Moreover, extroverts find social situations more rewarding than introverts, not because they are more sociable but because they are more sensitive to the rewards inherent in most situations ( Lucas & Diener, 2008 ). This in turn will explain their high standing on posttraumatic growth. Energetic individuals who may be assertive and pro-social seem to be better equipped to counter daily life’s stresses. To this effect, Galea (2014b) found that extraversion had unique variance in predicting burnout and other life’s stressors.

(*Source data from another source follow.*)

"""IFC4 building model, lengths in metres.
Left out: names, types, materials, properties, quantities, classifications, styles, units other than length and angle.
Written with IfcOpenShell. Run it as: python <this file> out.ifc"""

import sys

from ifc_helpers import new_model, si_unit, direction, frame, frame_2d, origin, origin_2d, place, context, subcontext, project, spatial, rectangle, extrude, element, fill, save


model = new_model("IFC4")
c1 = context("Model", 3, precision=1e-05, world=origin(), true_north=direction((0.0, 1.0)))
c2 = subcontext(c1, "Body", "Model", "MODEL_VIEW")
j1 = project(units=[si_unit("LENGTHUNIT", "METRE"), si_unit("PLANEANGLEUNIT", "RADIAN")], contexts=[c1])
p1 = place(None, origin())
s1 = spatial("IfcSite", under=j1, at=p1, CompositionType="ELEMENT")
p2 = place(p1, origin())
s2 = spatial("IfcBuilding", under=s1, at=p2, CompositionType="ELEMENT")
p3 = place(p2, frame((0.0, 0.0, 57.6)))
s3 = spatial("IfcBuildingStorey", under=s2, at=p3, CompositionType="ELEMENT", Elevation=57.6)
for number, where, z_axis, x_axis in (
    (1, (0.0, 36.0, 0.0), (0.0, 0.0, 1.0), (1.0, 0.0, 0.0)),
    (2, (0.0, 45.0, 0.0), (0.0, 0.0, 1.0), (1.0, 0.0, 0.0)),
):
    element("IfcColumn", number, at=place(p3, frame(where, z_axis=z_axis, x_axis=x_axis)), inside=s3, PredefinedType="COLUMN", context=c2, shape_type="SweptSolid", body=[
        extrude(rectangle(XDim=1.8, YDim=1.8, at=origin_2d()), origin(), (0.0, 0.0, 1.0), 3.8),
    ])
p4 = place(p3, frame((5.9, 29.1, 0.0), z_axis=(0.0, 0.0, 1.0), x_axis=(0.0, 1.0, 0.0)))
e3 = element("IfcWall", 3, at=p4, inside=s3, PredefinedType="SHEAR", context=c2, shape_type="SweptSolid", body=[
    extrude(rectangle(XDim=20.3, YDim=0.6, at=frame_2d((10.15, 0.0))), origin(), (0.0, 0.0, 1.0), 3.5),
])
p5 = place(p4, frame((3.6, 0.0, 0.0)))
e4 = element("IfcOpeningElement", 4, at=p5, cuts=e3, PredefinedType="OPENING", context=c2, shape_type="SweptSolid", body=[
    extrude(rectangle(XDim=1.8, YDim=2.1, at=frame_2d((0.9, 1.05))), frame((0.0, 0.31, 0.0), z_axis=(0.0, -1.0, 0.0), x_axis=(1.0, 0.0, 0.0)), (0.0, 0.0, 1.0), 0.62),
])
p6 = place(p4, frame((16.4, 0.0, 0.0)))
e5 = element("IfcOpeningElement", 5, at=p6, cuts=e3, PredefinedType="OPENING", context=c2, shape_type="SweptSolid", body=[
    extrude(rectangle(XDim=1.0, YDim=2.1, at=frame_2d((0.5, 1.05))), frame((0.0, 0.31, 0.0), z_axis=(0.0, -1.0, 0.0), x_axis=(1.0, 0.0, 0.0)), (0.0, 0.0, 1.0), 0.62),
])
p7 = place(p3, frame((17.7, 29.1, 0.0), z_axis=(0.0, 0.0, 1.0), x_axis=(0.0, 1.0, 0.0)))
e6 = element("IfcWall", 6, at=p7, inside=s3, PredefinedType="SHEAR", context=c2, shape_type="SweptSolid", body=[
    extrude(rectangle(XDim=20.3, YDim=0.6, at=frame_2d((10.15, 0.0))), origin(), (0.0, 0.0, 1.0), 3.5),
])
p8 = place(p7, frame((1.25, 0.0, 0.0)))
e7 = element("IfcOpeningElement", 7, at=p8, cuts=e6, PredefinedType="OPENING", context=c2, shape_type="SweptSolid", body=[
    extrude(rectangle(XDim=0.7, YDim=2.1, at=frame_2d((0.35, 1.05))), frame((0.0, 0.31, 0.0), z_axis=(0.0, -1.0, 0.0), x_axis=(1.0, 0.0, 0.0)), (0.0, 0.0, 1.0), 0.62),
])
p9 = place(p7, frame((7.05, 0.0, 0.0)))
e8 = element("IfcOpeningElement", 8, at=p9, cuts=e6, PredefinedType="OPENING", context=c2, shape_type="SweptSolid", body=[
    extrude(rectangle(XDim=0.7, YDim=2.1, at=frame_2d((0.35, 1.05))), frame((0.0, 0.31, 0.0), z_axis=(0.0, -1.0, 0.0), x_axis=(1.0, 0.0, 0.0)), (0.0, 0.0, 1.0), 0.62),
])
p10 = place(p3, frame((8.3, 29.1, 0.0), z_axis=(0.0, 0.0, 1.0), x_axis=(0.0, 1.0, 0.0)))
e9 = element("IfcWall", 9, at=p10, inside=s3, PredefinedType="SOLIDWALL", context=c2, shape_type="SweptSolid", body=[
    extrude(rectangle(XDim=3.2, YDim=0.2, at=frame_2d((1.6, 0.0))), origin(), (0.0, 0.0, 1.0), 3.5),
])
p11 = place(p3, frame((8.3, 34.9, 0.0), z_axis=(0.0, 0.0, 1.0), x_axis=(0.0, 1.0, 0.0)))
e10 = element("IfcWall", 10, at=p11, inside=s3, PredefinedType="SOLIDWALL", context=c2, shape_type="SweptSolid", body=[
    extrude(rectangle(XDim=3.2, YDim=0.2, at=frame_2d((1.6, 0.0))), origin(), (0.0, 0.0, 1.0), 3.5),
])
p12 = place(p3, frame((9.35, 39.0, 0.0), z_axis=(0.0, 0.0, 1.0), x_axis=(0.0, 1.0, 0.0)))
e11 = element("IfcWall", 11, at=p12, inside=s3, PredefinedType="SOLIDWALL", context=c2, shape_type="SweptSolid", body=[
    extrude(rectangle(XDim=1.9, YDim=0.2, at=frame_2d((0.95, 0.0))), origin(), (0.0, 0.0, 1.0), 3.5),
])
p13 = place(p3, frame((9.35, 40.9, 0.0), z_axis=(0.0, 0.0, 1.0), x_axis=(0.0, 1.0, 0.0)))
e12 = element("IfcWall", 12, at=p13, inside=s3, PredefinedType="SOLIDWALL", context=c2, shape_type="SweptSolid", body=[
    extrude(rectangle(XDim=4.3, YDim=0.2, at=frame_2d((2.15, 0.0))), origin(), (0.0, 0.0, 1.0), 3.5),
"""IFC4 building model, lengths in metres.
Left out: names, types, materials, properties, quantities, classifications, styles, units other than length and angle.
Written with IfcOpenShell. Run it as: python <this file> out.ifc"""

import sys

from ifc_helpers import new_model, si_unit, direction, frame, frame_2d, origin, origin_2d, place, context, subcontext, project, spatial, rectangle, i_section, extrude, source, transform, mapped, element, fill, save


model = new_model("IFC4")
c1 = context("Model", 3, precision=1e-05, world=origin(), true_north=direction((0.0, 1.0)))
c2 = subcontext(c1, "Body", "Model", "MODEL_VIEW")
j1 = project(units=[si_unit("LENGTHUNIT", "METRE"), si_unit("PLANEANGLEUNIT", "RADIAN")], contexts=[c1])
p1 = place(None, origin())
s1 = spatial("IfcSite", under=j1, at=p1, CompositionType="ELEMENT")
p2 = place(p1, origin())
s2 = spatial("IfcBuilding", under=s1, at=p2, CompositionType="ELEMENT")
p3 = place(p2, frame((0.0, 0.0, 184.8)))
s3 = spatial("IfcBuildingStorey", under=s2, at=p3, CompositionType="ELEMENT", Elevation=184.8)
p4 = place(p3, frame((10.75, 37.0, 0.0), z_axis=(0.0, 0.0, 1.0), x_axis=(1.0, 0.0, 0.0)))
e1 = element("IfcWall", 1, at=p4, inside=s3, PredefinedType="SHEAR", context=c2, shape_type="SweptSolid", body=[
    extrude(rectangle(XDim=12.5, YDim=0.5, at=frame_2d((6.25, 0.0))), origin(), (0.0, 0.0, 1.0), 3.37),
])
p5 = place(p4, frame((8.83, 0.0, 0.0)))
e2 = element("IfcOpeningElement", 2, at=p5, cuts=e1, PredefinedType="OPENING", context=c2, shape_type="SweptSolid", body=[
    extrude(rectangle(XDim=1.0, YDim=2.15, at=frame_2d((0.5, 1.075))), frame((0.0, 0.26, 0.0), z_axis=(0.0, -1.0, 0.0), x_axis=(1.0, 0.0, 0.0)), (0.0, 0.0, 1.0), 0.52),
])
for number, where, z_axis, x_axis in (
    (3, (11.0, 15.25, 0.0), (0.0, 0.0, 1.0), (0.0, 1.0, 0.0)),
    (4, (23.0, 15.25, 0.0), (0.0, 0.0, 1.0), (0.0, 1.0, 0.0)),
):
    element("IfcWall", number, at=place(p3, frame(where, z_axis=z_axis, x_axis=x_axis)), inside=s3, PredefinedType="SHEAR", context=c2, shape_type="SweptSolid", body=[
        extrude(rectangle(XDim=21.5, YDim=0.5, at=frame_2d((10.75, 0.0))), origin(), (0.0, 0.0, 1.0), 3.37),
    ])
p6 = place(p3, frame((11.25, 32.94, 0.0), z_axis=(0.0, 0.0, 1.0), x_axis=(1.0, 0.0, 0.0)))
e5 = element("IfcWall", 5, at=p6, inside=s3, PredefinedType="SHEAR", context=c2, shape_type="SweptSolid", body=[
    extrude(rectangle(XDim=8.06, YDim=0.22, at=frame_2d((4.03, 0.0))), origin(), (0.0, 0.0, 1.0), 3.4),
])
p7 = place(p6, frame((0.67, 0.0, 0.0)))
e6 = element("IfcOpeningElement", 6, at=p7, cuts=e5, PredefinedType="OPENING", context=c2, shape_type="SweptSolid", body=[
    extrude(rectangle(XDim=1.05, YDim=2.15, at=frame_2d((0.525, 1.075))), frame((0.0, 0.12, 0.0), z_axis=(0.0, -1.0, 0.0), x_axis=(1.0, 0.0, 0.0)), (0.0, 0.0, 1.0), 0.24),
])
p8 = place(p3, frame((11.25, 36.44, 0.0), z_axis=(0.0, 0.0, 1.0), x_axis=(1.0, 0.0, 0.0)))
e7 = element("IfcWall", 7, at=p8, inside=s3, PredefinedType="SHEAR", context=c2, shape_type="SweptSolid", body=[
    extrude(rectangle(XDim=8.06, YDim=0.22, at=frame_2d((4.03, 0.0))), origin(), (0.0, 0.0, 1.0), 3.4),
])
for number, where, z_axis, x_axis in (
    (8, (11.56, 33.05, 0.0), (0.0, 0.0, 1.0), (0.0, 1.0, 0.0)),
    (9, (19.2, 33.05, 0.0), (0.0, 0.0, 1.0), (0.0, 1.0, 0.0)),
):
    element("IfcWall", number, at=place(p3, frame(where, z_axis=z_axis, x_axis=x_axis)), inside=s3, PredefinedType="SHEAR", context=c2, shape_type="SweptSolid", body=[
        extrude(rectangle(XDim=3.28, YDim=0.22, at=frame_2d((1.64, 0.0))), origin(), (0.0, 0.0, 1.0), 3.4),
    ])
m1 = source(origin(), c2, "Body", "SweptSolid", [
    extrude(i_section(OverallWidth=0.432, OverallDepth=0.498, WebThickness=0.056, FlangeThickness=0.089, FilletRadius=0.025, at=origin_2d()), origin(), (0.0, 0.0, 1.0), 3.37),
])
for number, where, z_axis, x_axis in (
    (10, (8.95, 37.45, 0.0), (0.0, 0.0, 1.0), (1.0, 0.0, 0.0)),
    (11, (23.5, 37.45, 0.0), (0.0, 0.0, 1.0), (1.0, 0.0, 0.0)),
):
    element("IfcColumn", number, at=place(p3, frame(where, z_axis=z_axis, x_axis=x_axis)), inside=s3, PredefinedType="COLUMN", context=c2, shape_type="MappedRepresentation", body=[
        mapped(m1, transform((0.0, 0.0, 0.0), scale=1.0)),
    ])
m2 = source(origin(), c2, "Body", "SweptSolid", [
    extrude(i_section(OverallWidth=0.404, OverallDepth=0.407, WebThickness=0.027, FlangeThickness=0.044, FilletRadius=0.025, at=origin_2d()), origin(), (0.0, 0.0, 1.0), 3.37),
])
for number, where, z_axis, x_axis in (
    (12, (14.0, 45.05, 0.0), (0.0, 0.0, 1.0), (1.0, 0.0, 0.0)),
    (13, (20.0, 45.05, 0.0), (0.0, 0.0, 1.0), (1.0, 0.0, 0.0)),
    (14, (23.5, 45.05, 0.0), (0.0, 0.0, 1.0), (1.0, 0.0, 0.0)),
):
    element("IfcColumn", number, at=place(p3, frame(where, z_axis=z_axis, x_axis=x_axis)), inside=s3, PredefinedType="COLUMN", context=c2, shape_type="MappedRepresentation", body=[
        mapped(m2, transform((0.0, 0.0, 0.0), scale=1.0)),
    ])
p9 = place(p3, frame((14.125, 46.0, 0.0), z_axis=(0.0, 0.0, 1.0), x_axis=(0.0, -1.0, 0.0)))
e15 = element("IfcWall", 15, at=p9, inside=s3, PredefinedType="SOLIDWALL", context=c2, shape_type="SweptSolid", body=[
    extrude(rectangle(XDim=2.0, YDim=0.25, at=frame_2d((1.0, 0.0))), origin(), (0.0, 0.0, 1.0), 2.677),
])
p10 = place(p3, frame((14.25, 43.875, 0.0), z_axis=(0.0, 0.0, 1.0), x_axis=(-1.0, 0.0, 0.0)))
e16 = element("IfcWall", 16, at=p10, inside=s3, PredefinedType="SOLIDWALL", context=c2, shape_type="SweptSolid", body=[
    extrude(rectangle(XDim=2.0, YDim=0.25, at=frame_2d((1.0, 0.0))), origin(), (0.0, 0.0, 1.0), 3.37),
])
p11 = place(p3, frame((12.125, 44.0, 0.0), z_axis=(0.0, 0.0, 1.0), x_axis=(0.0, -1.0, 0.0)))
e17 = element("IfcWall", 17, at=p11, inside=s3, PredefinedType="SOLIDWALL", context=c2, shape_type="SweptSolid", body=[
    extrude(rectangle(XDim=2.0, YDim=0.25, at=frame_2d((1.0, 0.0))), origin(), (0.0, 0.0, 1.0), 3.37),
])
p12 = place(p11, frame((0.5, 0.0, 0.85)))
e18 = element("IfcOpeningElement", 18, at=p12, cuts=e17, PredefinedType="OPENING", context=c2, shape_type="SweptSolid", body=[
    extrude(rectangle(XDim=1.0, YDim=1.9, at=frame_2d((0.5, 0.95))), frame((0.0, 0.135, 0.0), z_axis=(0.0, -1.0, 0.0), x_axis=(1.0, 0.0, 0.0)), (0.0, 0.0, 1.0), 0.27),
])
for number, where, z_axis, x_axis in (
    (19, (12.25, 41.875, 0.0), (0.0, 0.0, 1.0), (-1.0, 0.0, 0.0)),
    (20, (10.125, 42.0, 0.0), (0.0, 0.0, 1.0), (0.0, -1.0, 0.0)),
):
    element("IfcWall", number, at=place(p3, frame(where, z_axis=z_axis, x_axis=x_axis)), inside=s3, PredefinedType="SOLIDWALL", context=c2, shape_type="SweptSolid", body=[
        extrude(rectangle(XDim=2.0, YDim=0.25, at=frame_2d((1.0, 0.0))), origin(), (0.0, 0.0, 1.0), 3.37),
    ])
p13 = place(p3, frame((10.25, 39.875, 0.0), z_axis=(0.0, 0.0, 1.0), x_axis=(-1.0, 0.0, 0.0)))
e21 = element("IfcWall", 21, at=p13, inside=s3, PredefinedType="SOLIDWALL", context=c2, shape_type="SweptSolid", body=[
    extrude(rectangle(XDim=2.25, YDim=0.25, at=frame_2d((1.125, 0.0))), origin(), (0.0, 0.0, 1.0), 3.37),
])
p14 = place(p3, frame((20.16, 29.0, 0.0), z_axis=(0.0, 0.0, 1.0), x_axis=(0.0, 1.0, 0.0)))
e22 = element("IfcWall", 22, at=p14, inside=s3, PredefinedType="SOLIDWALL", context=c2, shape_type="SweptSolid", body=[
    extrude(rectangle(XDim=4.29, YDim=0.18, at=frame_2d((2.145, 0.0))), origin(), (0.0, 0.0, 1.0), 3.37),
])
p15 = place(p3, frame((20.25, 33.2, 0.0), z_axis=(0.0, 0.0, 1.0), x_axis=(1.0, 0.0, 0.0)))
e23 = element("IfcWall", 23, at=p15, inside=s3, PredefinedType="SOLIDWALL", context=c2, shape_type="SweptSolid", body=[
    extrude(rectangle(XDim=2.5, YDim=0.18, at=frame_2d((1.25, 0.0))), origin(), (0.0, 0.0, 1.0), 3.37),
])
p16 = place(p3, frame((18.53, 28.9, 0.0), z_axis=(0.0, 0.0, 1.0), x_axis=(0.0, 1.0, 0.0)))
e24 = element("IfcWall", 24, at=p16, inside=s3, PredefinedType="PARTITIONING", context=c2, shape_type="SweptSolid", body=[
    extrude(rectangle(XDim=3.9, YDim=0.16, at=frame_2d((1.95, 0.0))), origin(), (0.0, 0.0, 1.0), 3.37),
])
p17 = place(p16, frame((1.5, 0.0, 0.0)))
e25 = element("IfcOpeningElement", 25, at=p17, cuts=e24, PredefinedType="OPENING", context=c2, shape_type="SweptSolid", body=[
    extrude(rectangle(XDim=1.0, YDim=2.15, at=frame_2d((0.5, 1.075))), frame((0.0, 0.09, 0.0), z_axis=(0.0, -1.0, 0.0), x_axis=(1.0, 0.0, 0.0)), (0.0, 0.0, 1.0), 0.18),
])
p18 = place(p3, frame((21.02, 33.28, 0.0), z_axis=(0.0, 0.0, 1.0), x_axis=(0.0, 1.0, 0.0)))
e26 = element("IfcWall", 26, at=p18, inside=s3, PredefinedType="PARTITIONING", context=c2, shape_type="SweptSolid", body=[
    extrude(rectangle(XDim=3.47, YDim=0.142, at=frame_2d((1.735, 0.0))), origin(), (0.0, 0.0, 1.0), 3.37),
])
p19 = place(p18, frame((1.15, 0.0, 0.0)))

It is important to reiterate the increasing attention that extraversion is steadily gaining within related studies. Research has indicated three main reasons why we should study extraversion, namely a) its importance to personality ( Costa & McCrae, 1992a ), b) it predicts well-being across a broad domain including cognitive and social well-being ( Eaton & Funder, 2003 ), and c) extraversion predicts risks and resilience for other forms of psychotherapy ( Widiger and Samuel, 2005 ).

Limitations and Future Directions

Because this study is basically correlational in nature, no inferences of causality can be made. Second, the study’s reliance upon self-reported and recalled data may have introduced sources of error. Individuals’ responses may have become distorted over time.

Despite these limitations, this study’s strengths are noteworthy. The exploratory nature of the impact of posttraumatic growth on this Maltese sample of tertiary students is an important strength. Posttraumatic growth is a novel area among this culture, which adds to the increasing empirical research attesting to its value in view of past trauma. Another feature of this study was its multidimensional focus in bundling together measures of personality and psycho-spiritual well-being, singly identified as important in similar research ( Costa & McCrae, 1992 ). Their simultaneous application here allowed for a more sophisticated analysis of posttraumatic growth on trauma survivors.

5. Conclusion

Finally, this study showed the need to factor in personality variables, such as extraversion and conscientiousness, into the equation of PTG studies. Individuals in this study who faced growth after trauma tended to have a personality profile that was high on both extraversion and conscientiousness. The need to sift through the complex reality that surrounds this phenomenon of growth after a history of trauma is required to produce a better understanding of the exact dynamics inherent to it.

Conflicts of Interest

The author declares no conflict of interest.